18 Kasım 2011 Cuma

Uçmakdere-TEKİRDAĞ 25/06/2011

Anlık spontane kalkgidelim Karakaçan tadında bir gezi oldu. Aslında çok da raporluk bir gezi bile değil ama Uçmakdere hakkında bir fikir vermesi açısından birkaç fotoğrafım var paylaşmadan olmaz 

Dün izinliydim. Daha doğrusu check-up yaptırdım turp gibi çıktım. Sanırım o yüzden sıkılıyorum dedim ve erken biten check-up ın ardından evde koltuğuma uzanmış uyusam mı miss gibi diye aklımdan geçirirken lan günü mundar etme kaldır mabadını at kendini biryerlere diye geçirdim içimden.

İşte tam o esnada Trakya Moto Team grubumuzdan Hayati abi aradı , kendisine bir çanta sipariş etmiştik onun havalesini yapmış , tamam abi ilgilenirim dedim kapadım telefonu. Sonra yine açtım telefonu (bana yazdı ama olsun  ) 

-Abii Uçmakdere'ye gidelim mi?
-Uçmakdere mi? Uzak değilmi orası?
-Bilmem ki abi?
-Tekirdağ'a gidelim çay içelim?
-Olur abi , oraya varınca sıkarsa maçamız devam ederiz?
-Hee öyle yapalım.
-Gökhan'ı da arayayım ben , müsaitse buluşuruz onunla da 

20dk sonra bizim evin önünde buluşmak üzere anlaştık. Yeni aldığım depoüstü çantaya fotoğraf makinesinide attım , hem çantayı denemiş olurum dedim. Aşağı inip çantayı bağladım. Hazırlıklarımı tamamlamıştım ki Hayati Abi geldi. O montunu eldivenini giyene kadar ayaküstü biraz muhabbet ederken bende bir cigara tellendireyim dedim.

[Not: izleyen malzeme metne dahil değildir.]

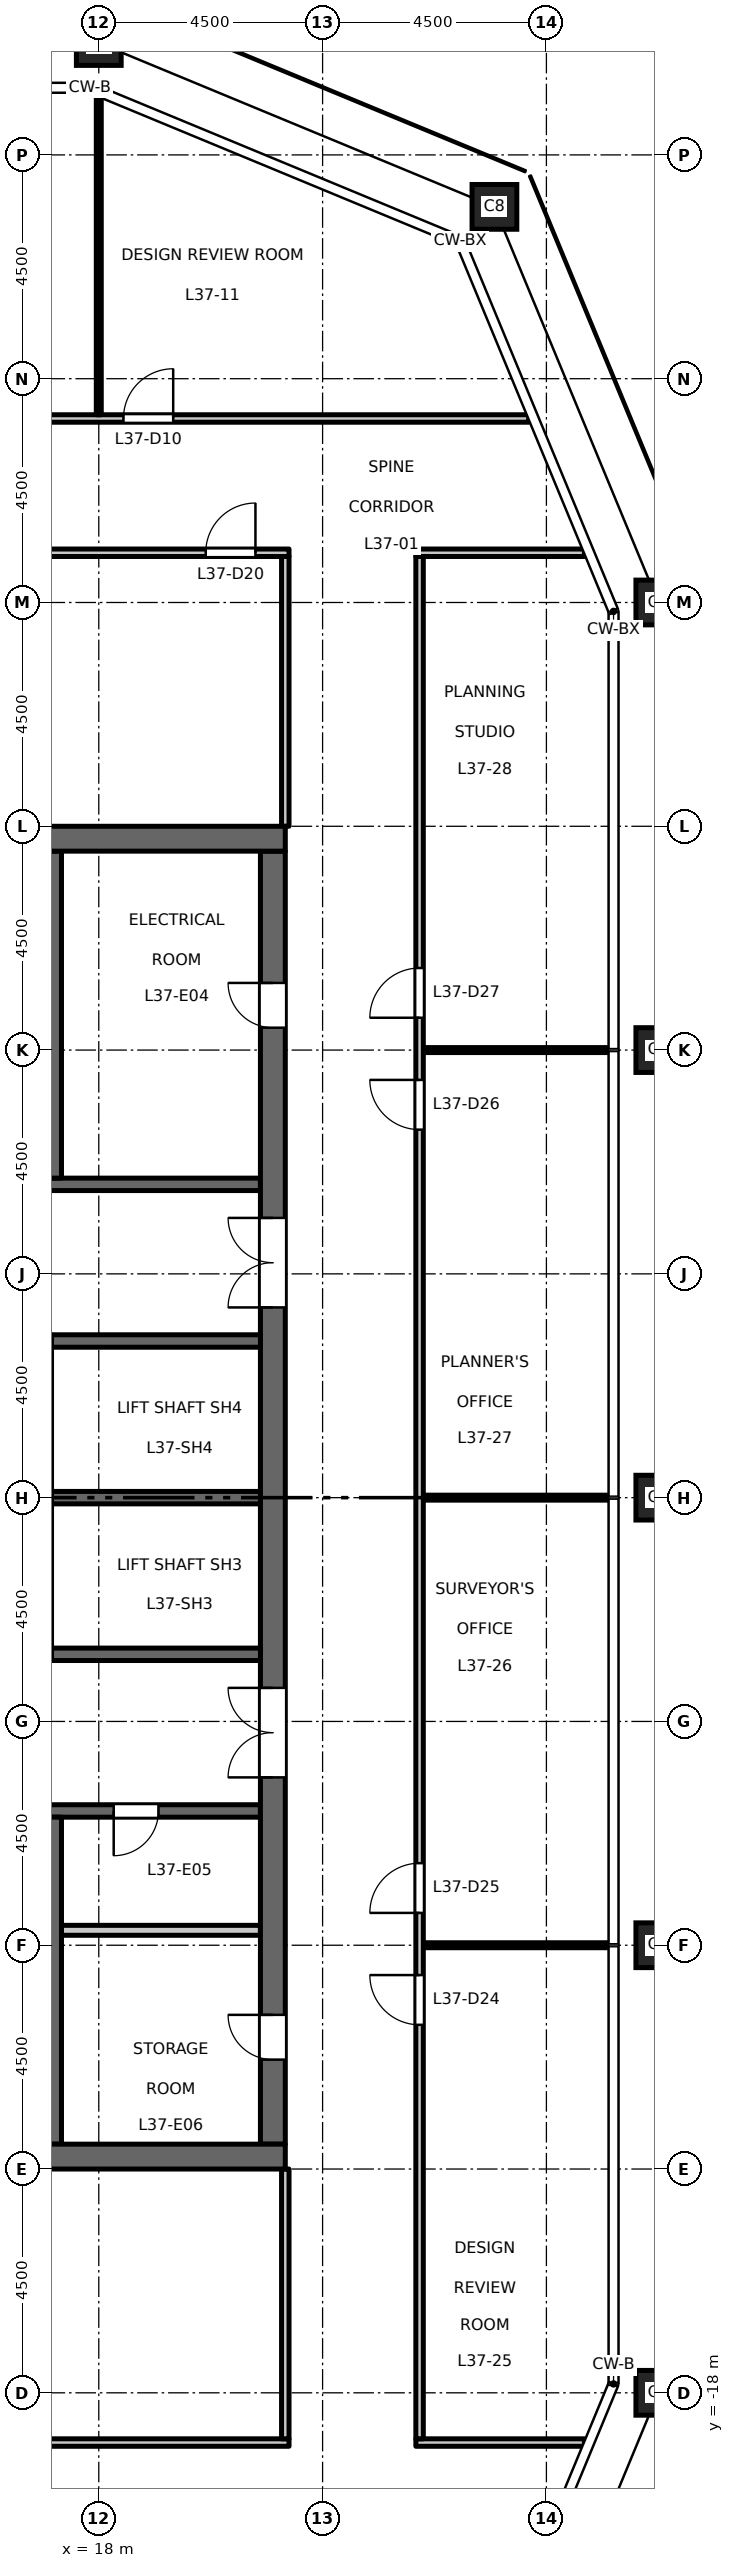
"""IFC4 building model, lengths in metres.
Left out: names, types, materials, properties, quantities, classifications, styles, units other than length and angle.
Written with IfcOpenShell. Run it as: python <this file> out.ifc"""

import sys

from ifc_helpers import new_model, si_unit, direction, frame, frame_2d, origin, origin_2d, place, context, subcontext, project, spatial, rectangle, hollow_rectangle, extrude, element, fill, save


model = new_model("IFC4")
c1 = context("Model", 3, precision=1e-05, world=origin(), true_north=direction((0.0, 1.0)))
c2 = subcontext(c1, "Body", "Model", "MODEL_VIEW")
j1 = project(units=[si_unit("LENGTHUNIT", "METRE"), si_unit("PLANEANGLEUNIT", "RADIAN")], contexts=[c1])
p1 = place(None, origin())
s1 = spatial("IfcSite", under=j1, at=p1, CompositionType="ELEMENT")
p2 = place(p1, origin())
s2 = spatial("IfcBuilding", under=s1, at=p2, CompositionType="ELEMENT")
p3 = place(p2, frame((0.0, 0.0, 172.2)))
s3 = spatial("IfcBuildingStorey", under=s2, at=p3, CompositionType="ELEMENT", Elevation=172.2)
for number, where, z_axis, x_axis in (
    (1, (29.25, -18.0, 0.0), (0.0, 0.0, 1.0), (1.0, 0.0, 0.0)),
    (2, (29.25, -9.0, 0.0), (0.0, 0.0, 1.0), (1.0, 0.0, 0.0)),
    (3, (29.25, 0.0, 0.0), (0.0, 0.0, 1.0), (1.0, 0.0, 0.0)),
    (4, (29.25, 9.0, 0.0), (0.0, 0.0, 1.0), (1.0, 0.0, 0.0)),
    (5, (29.25, 18.0, 0.0), (0.0, 0.0, 1.0), (1.0, 0.0, 0.0)),
    (6, (25.955, 25.955, 0.0), (0.0, 0.0, 1.0), (1.0, 0.0, 0.0)),
    (7, (18.0, 29.25, 0.0), (0.0, 0.0, 1.0), (1.0, 0.0, 0.0)),
):
    element("IfcColumn", number, at=place(p3, frame(where, z_axis=z_axis, x_axis=x_axis)), inside=s3, PredefinedType="COLUMN", context=c2, shape_type="SweptSolid", body=[
        extrude(hollow_rectangle(XDim=0.9, YDim=0.9, WallThickness=0.05, at=origin_2d()), origin(), (0.0, 0.0, 1.0), 4.5),
    ])
p4 = place(p3, frame((17.0, 6.3, 0.0), z_axis=(0.0, 0.0, 1.0), x_axis=(1.0, 0.0, 0.0)))
e8 = element("IfcWall", 8, at=p4, inside=s3, PredefinedType="SHEAR", context=c2, shape_type="SweptSolid", body=[
    extrude(rectangle(XDim=4.25, YDim=0.25, at=frame_2d((2.125, 0.0))), origin(), (0.0, 0.0, 1.0), 4.35),
])
p5 = place(p3, frame((12.15, -6.3, 0.0), z_axis=(0.0, 0.0, 1.0), x_axis=(1.0, 0.0, 0.0)))
e9 = element("IfcWall", 9, at=p5, inside=s3, PredefinedType="SHEAR", context=c2, shape_type="SweptSolid", body=[
    extrude(rectangle(XDim=9.1, YDim=0.25, at=frame_2d((4.55, 0.0))), origin(), (0.0, 0.0, 1.0), 4.35),
])
p6 = place(p5, frame((1.8, 0.0, 0.0)))
e10 = element("IfcOpeningElement", 10, at=p6, cuts=e9, PredefinedType="OPENING", context=c2, shape_type="SweptSolid", body=[
    extrude(rectangle(XDim=1.0, YDim=2.1, at=frame_2d((0.5, 1.05))), frame((0.0, 0.135, 0.0), z_axis=(0.0, -1.0, 0.0), x_axis=(1.0, 0.0, 0.0)), (0.0, 0.0, 1.0), 0.27),
])
p7 = place(p5, frame((6.15, 0.0, 0.0)))
e11 = element("IfcOpeningElement", 11, at=p7, cuts=e9, PredefinedType="OPENING", context=c2, shape_type="SweptSolid", body=[
    extrude(rectangle(XDim=0.9, YDim=2.1, at=frame_2d((0.45, 1.05))), frame((0.0, 0.135, 0.0), z_axis=(0.0, -1.0, 0.0), x_axis=(1.0, 0.0, 0.0)), (0.0, 0.0, 1.0), 0.27),
])
p8 = place(p3, frame((21.5, -13.0, 0.0), z_axis=(0.0, 0.0, 1.0), x_axis=(0.0, 1.0, 0.0)))
e12 = element("IfcWall", 12, at=p8, inside=s3, PredefinedType="SHEAR", context=c2, shape_type="SweptSolid", body=[
    extrude(rectangle(XDim=26.0, YDim=0.5, at=frame_2d((13.0, 0.0))), origin(), (0.0, 0.0, 1.0), 4.35),
])
p9 = place(p8, frame((16.825, 0.0, 0.0)))
e13 = element("IfcOpeningElement", 13, at=p9, cuts=e12, PredefinedType="OPENING", context=c2, shape_type="SweptSolid", body=[
    extrude(rectangle(XDim=1.8, YDim=2.1, at=frame_2d((0.9, 1.05))), frame((0.0, 0.26, 0.0), z_axis=(0.0, -1.0, 0.0), x_axis=(1.0, 0.0, 0.0)), (0.0, 0.0, 1.0), 0.52),
])
p10 = place(p8, frame((7.375, 0.0, 0.0)))
e14 = element("IfcOpeningElement", 14, at=p10, cuts=e12, PredefinedType="OPENING", context=c2, shape_type="SweptSolid", body=[
    extrude(rectangle(XDim=1.8, YDim=2.1, at=frame_2d((0.9, 1.05))), frame((0.0, 0.26, 0.0), z_axis=(0.0, -1.0, 0.0), x_axis=(1.0, 0.0, 0.0)), (0.0, 0.0, 1.0), 0.52),
])
p11 = place(p8, frame((22.45, 0.0, 0.0)))
e15 = element("IfcOpeningElement", 15, at=p11, cuts=e12, PredefinedType="OPENING", context=c2, shape_type="SweptSolid", body=[
    extrude(rectangle(XDim=0.9, YDim=2.1, at=frame_2d((0.45, 1.05))), frame((0.0, 0.26, 0.0), z_axis=(0.0, -1.0, 0.0), x_axis=(1.0, 0.0, 0.0)), (0.0, 0.0, 1.0), 0.52),
])
p12 = place(p8, frame((1.7, 0.0, 0.0)))
e16 = element("IfcOpeningElement", 16, at=p12, cuts=e12, PredefinedType="OPENING", context=c2, shape_type="SweptSolid", body=[
    extrude(rectangle(XDim=0.9, YDim=2.1, at=frame_2d((0.45, 1.05))), frame((0.0, 0.26, 0.0), z_axis=(0.0, -1.0, 0.0), x_axis=(1.0, 0.0, 0.0)), (0.0, 0.0, 1.0), 0.52),
])
p13 = place(p3, frame((17.25, -8.7, 0.0), z_axis=(0.0, 0.0, 1.0), x_axis=(1.0, 0.0, 0.0)))
e17 = element("IfcWall", 17, at=p13, inside=s3, PredefinedType="PARTITIONING", context=c2, shape_type="SweptSolid", body=[
    extrude(rectangle(XDim=4.0, YDim=0.2, at=frame_2d((2.0, 0.0))), origin(), (0.0, 0.0, 1.0), 4.35),
])
for number, where, z_axis, x_axis in (
    (18, (17.05, 0.0, 0.0), (0.0, 0.0, 1.0), (1.0, 0.0, 0.0)),
    (19, (17.05, 3.15, 0.0), (0.0, 0.0, 1.0), (1.0, 0.0, 0.0)),
    (20, (17.05, -3.15, 0.0), (0.0, 0.0, 1.0), (1.0, 0.0, 0.0)),
):
    element("IfcWall", number, at=place(p3, frame(where, z_axis=z_axis, x_axis=x_axis)), inside=s3, PredefinedType="SHEAR", context=c2, shape_type="SweptSolid", body=[
        extrude(rectangle(XDim=4.2, YDim=0.25, at=frame_2d((2.1, 0.0))), origin(), (0.0, 0.0, 1.0), 4.35),
    ])
for number, where, z_axis, x_axis in (
    (21, (17.0, 6.425, 0.0), (0.0, 0.0, 1.0), (0.0, 1.0, 0.0)),
    (22, (17.0, -13.0, 0.0), (0.0, 0.0, 1.0), (0.0, 1.0, 0.0)),
):
    element("IfcWall", number, at=place(p3, frame(where, z_axis=z_axis, x_axis=x_axis)), inside=s3, PredefinedType="SHEAR", context=c2, shape_type="SweptSolid", body=[
        extrude(rectangle(XDim=6.575, YDim=0.5, at=frame_2d((3.288, 0.0))), origin(), (0.0, 0.0, 1.0), 4.35),
    ])
for number, where, z_axis, x_axis in (
    (23, (8.25, 13.25, 0.0), (0.0, 0.0, 1.0), (1.0, 0.0, 0.0)),
    (24, (8.25, -13.25, 0.0), (0.0, 0.0, 1.0), (1.0, 0.0, 0.0)),
):
    element("IfcWall", number, at=place(p3, frame(where, z_axis=z_axis, x_axis=x_axis)), inside=s3, PredefinedType="SHEAR", context=c2, shape_type="SweptSolid", body=[
        extrude(rectangle(XDim=13.5, YDim=0.5, at=frame_2d((6.75, 0.0))), origin(), (0.0, 0.0, 1.0), 4.35),
    ])
p14 = place(p3, frame((-21.825, -19.0, 0.0), z_axis=(0.0, 0.0, 1.0), x_axis=(1.0, 0.0, 0.0)))
e25 = element("IfcWall", 25, at=p14, inside=s3, PredefinedType="PARTITIONING", context=c2, shape_type="SweptSolid", body=[
    extrude(rectangle(XDim=43.65, YDim=0.15, at=frame_2d((21.825, 0.0))), origin(), (0.0, 0.0, 1.0), 4.35),
])
p15 = place(p14, frame((14.175, 0.0, 0.0)))
e26 = element("IfcOpeningElement", 26, at=p15, cuts=e25, PredefinedType="OPENING", context=c2, shape_type="SweptSolid", body=[
    extrude(rectangle(XDim=1.0, YDim=2.1, at=frame_2d((0.5, 1.05))), frame((0.0, 0.085, 0.0), z_axis=(0.0, -1.0, 0.0), x_axis=(1.0, 0.0, 0.0)), (0.0, 0.0, 1.0), 0.17),
])
p16 = place(p14, frame((11.925, 0.0, 0.0)))
e27 = element("IfcOpeningElement", 27, at=p16, cuts=e25, PredefinedType="OPENING", context=c2, shape_type="SweptSolid", body=[
    extrude(rectangle(XDim=1.0, YDim=2.1, at=frame_2d((0.5, 1.05))), frame((0.0, 0.085, 0.0), z_axis=(0.0, -1.0, 0.0), x_axis=(1.0, 0.0, 0.0)), (0.0, 0.0, 1.0), 0.17),
])
p17 = place(p14, frame((30.675, 0.0, 0.0)))
e28 = element("IfcOpeningElement", 28, at=p17, cuts=e25, PredefinedType="OPENING", context=c2, shape_type="SweptSolid", body=[
    extrude(rectangle(XDim=1.0, YDim=2.1, at=frame_2d((0.5, 1.05))), frame((0.0, 0.085, 0.0), z_axis=(0.0, -1.0, 0.0), x_axis=(1.0, 0.0, 0.0)), (0.0, 0.0, 1.0), 0.17),
])
p18 = place(p3, frame((24.375, -19.0, 0.0), z_axis=(0.0, 0.0, 1.0), x_axis=(1.0, 0.0, 0.0)))
e29 = element("IfcWall", 29, at=p18, inside=s3, PredefinedType="PARTITIONING", context=c2, shape_type="SweptSolid", body=[
    extrude(rectangle(XDim=3.389, YDim=0.15, at=frame_2d((1.694, 0.0))), origin(), (0.0, 0.0, 1.0), 4.35),
])
for number, where, z_axis, x_axis in (
    (30, (24.525, -9.0, 0.0), (0.0, 0.0, 1.0), (1.0, 0.0, 0.0)),
    (31, (24.525, 0.0, 0.0), (0.0, 0.0, 1.0), (1.0, 0.0, 0.0)),
    (32, (24.525, 9.0, 0.0), (0.0, 0.0, 1.0), (1.0, 0.0, 0.0)),
):
    element("IfcWall", number, at=place(p3, frame(where, z_axis=z_axis, x_axis=x_axis)), inside=s3, PredefinedType="PARTITIONING", context=c2, shape_type="SweptSolid", body=[
        extrude(rectangle(XDim=3.735, YDim=0.1, at=frame_2d((1.868, 0.0))), origin(), (0.0, 0.0, 1.0), 4.35),
    ])
p19 = place(p3, frame((-21.825, 19.0, 0.0), z_axis=(0.0, 0.0, 1.0), x_axis=(1.0, 0.0, 0.0)))
e33 = element("IfcWall", 33, at=p19, inside=s3, PredefinedType="PARTITIONING", context=c2, shape_type="SweptSolid", body=[
    extrude(rectangle(XDim=43.65, YDim=0.15, at=frame_2d((21.825, 0.0))), origin(), (0.0, 0.0, 1.0), 4.35),
])
p20 = place(p19, frame((14.225, 0.0, 0.0)))
e34 = element("IfcOpeningElement", 34, at=p20, cuts=e33, PredefinedType="OPENING", context=c2, shape_type="SweptSolid", body=[
    extrude(rectangle(XDim=1.0, YDim=2.1, at=frame_2d((0.5, 1.05))), frame((0.0, 0.085, 0.0), z_axis=(0.0, -1.0, 0.0), x_axis=(1.0, 0.0, 0.0)), (0.0, 0.0, 1.0), 0.17),
])
p21 = place(p19, frame((0.725, 0.0, 0.0)))
e35 = element("IfcOpeningElement", 35, at=p21, cuts=e33, PredefinedType="OPENING", context=c2, shape_type="SweptSolid", body=[
    extrude(rectangle(XDim=1.0, YDim=2.1, at=frame_2d((0.5, 1.05))), frame((0.0, 0.085, 0.0), z_axis=(0.0, -1.0, 0.0), x_axis=(1.0, 0.0, 0.0)), (0.0, 0.0, 1.0), 0.17),
])
p22 = place(p19, frame((41.975, 0.0, 0.0)))
e36 = element("IfcOpeningElement", 36, at=p22, cuts=e33, PredefinedType="OPENING", context=c2, shape_type="SweptSolid", body=[
    extrude(rectangle(XDim=1.0, YDim=2.1, at=frame_2d((0.5, 1.05))), frame((0.0, 0.085, 0.0), z_axis=(0.0, -1.0, 0.0), x_axis=(1.0, 0.0, 0.0)), (0.0, 0.0, 1.0), 0.17),
])
p23 = place(p3, frame((24.375, 19.0, 0.0), z_axis=(0.0, 0.0, 1.0), x_axis=(1.0, 0.0, 0.0)))
e37 = element("IfcWall", 37, at=p23, inside=s3, PredefinedType="PARTITIONING", context=c2, shape_type="SweptSolid", body=[
    extrude(rectangle(XDim=3.389, YDim=0.15, at=frame_2d((1.694, 0.0))), origin(), (0.0, 0.0, 1.0), 4.35),
])
p24 = place(p3, frame((-26.646, 21.7, 0.0), z_axis=(0.0, 0.0, 1.0), x_axis=(1.0, 0.0, 0.0)))
e38 = element("IfcWall", 38, at=p24, inside=s3, PredefinedType="PARTITIONING", context=c2, shape_type="SweptSolid", body=[
    extrude(rectangle(XDim=53.292, YDim=0.15, at=frame_2d((26.646, 0.0))), origin(), (0.0, 0.0, 1.0), 4.35),
])
p25 = place(p24, frame((15.996, 0.0, 0.0)))
e39 = element("IfcOpeningElement", 39, at=p25, cuts=e38, PredefinedType="OPENING", context=c2, shape_type="SweptSolid", body=[
    extrude(rectangle(XDim=1.0, YDim=2.1, at=frame_2d((0.5, 1.05))), frame((0.0, 0.085, 0.0), z_axis=(0.0, -1.0, 0.0), x_axis=(1.0, 0.0, 0.0)), (0.0, 0.0, 1.0), 0.17),
])
p26 = place(p24, frame((18.246, 0.0, 0.0)))
e40 = element("IfcOpeningElement", 40, at=p26, cuts=e38, PredefinedType="OPENING", context=c2, shape_type="SweptSolid", body=[
    extrude(rectangle(XDim=1.0, YDim=2.1, at=frame_2d((0.5, 1.05))), frame((0.0, 0.085, 0.0), z_axis=(0.0, -1.0, 0.0), x_axis=(1.0, 0.0, 0.0)), (0.0, 0.0, 1.0), 0.17),
])
p27 = place(p24, frame((33.996, 0.0, 0.0)))
e41 = element("IfcOpeningElement", 41, at=p27, cuts=e38, PredefinedType="OPENING", context=c2, shape_type="SweptSolid", body=[
    extrude(rectangle(XDim=1.0, YDim=2.1, at=frame_2d((0.5, 1.05))), frame((0.0, 0.085, 0.0), z_axis=(0.0, -1.0, 0.0), x_axis=(1.0, 0.0, 0.0)), (0.0, 0.0, 1.0), 0.17),
])
p28 = place(p24, frame((36.246, 0.0, 0.0)))
e42 = element("IfcOpeningElement", 42, at=p28, cuts=e38, PredefinedType="OPENING", context=c2, shape_type="SweptSolid", body=[
    extrude(rectangle(XDim=1.0, YDim=2.1, at=frame_2d((0.5, 1.05))), frame((0.0, 0.085, 0.0), z_axis=(0.0, -1.0, 0.0), x_axis=(1.0, 0.0, 0.0)), (0.0, 0.0, 1.0), 0.17),
])
p29 = place(p24, frame((6.996, 0.0, 0.0)))
e43 = element("IfcOpeningElement", 43, at=p29, cuts=e38, PredefinedType="OPENING", context=c2, shape_type="SweptSolid", body=[
    extrude(rectangle(XDim=1.0, YDim=2.1, at=frame_2d((0.5, 1.05))), frame((0.0, 0.085, 0.0), z_axis=(0.0, -1.0, 0.0), x_axis=(1.0, 0.0, 0.0)), (0.0, 0.0, 1.0), 0.17),
])
p30 = place(p24, frame((45.142, 0.0, 0.0)))
e44 = element("IfcOpeningElement", 44, at=p30, cuts=e38, PredefinedType="OPENING", context=c2, shape_type="SweptSolid", body=[
    extrude(rectangle(XDim=1.0, YDim=2.1, at=frame_2d((0.5, 1.05))), frame((0.0, 0.085, 0.0), z_axis=(0.0, -1.0, 0.0), x_axis=(1.0, 0.0, 0.0)), (0.0, 0.0, 1.0), 0.17),
])
p31 = place(p3, frame((18.0, 21.775, 0.0), z_axis=(0.0, 0.0, 1.0), x_axis=(0.0, 1.0, 0.0)))
e45 = element("IfcWall", 45, at=p31, inside=s3, PredefinedType="PARTITIONING", context=c2, shape_type="SweptSolid", body=[
    extrude(rectangle(XDim=6.403, YDim=0.1, at=frame_2d((3.202, 0.0))), origin(), (0.0, 0.0, 1.0), 3.45),
])
for number, where, z_axis, x_axis in (
    (46, (21.75, -18.925, 0.0), (0.0, 0.0, 1.0), (0.0, 1.0, 0.0)),
    (47, (21.75, 13.5, 0.0), (0.0, 0.0, 1.0), (0.0, 1.0, 0.0)),
):
    element("IfcWall", number, at=place(p3, frame(where, z_axis=z_axis, x_axis=x_axis)), inside=s3, PredefinedType="PARTITIONING", context=c2, shape_type="SweptSolid", body=[
        extrude(rectangle(XDim=5.425, YDim=0.15, at=frame_2d((2.712, 0.0))), origin(), (0.0, 0.0, 1.0), 4.35),
    ])
p32 = place(p3, frame((24.45, -18.925, 0.0), z_axis=(0.0, 0.0, 1.0), x_axis=(0.0, 1.0, 0.0)))
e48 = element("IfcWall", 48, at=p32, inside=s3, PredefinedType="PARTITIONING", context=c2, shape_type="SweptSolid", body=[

Hayati abi Milli Emlak bilmemneyinden emekli , Çorlu ve civarını iyi biliyor. Aga ara yollardan gidebiliyor muyuz dedim. Rınrınrın ana yoldan gitmeyelim , tezek koklayarak , hoplaya zıplaya köy yollarından gidelim dedim. Olur direk Tekirdağ içine çıkarız dedi ve teker döndü.

Böyle turdur , gezidir pek tecrübem olmadığı için , ruhumda belgeselcilikte olmayınca bu kısımlarda hiç fotoğrafımız yok.
İlk fotoğrafı bir tepeyi aşıp Tekirdağ'ı görünce çektim ;





Tamam kabul ediyorum kötü bir kadraj ama çok sıcaktı yahu 









Ahanda pek Enduroist Karakaçan yanıyooor 





Hayati BEDER abim 





Bu da bildiğin Papatya işte ;





Yola çıkmadan önce Gökhan'la konuşup oraya vardığımızda araşırız demiştik. Tekirdağ sahildeki bir çay bahçesine kurulup Gökhan da gelince çaylarımızı yudumlamaya başladık.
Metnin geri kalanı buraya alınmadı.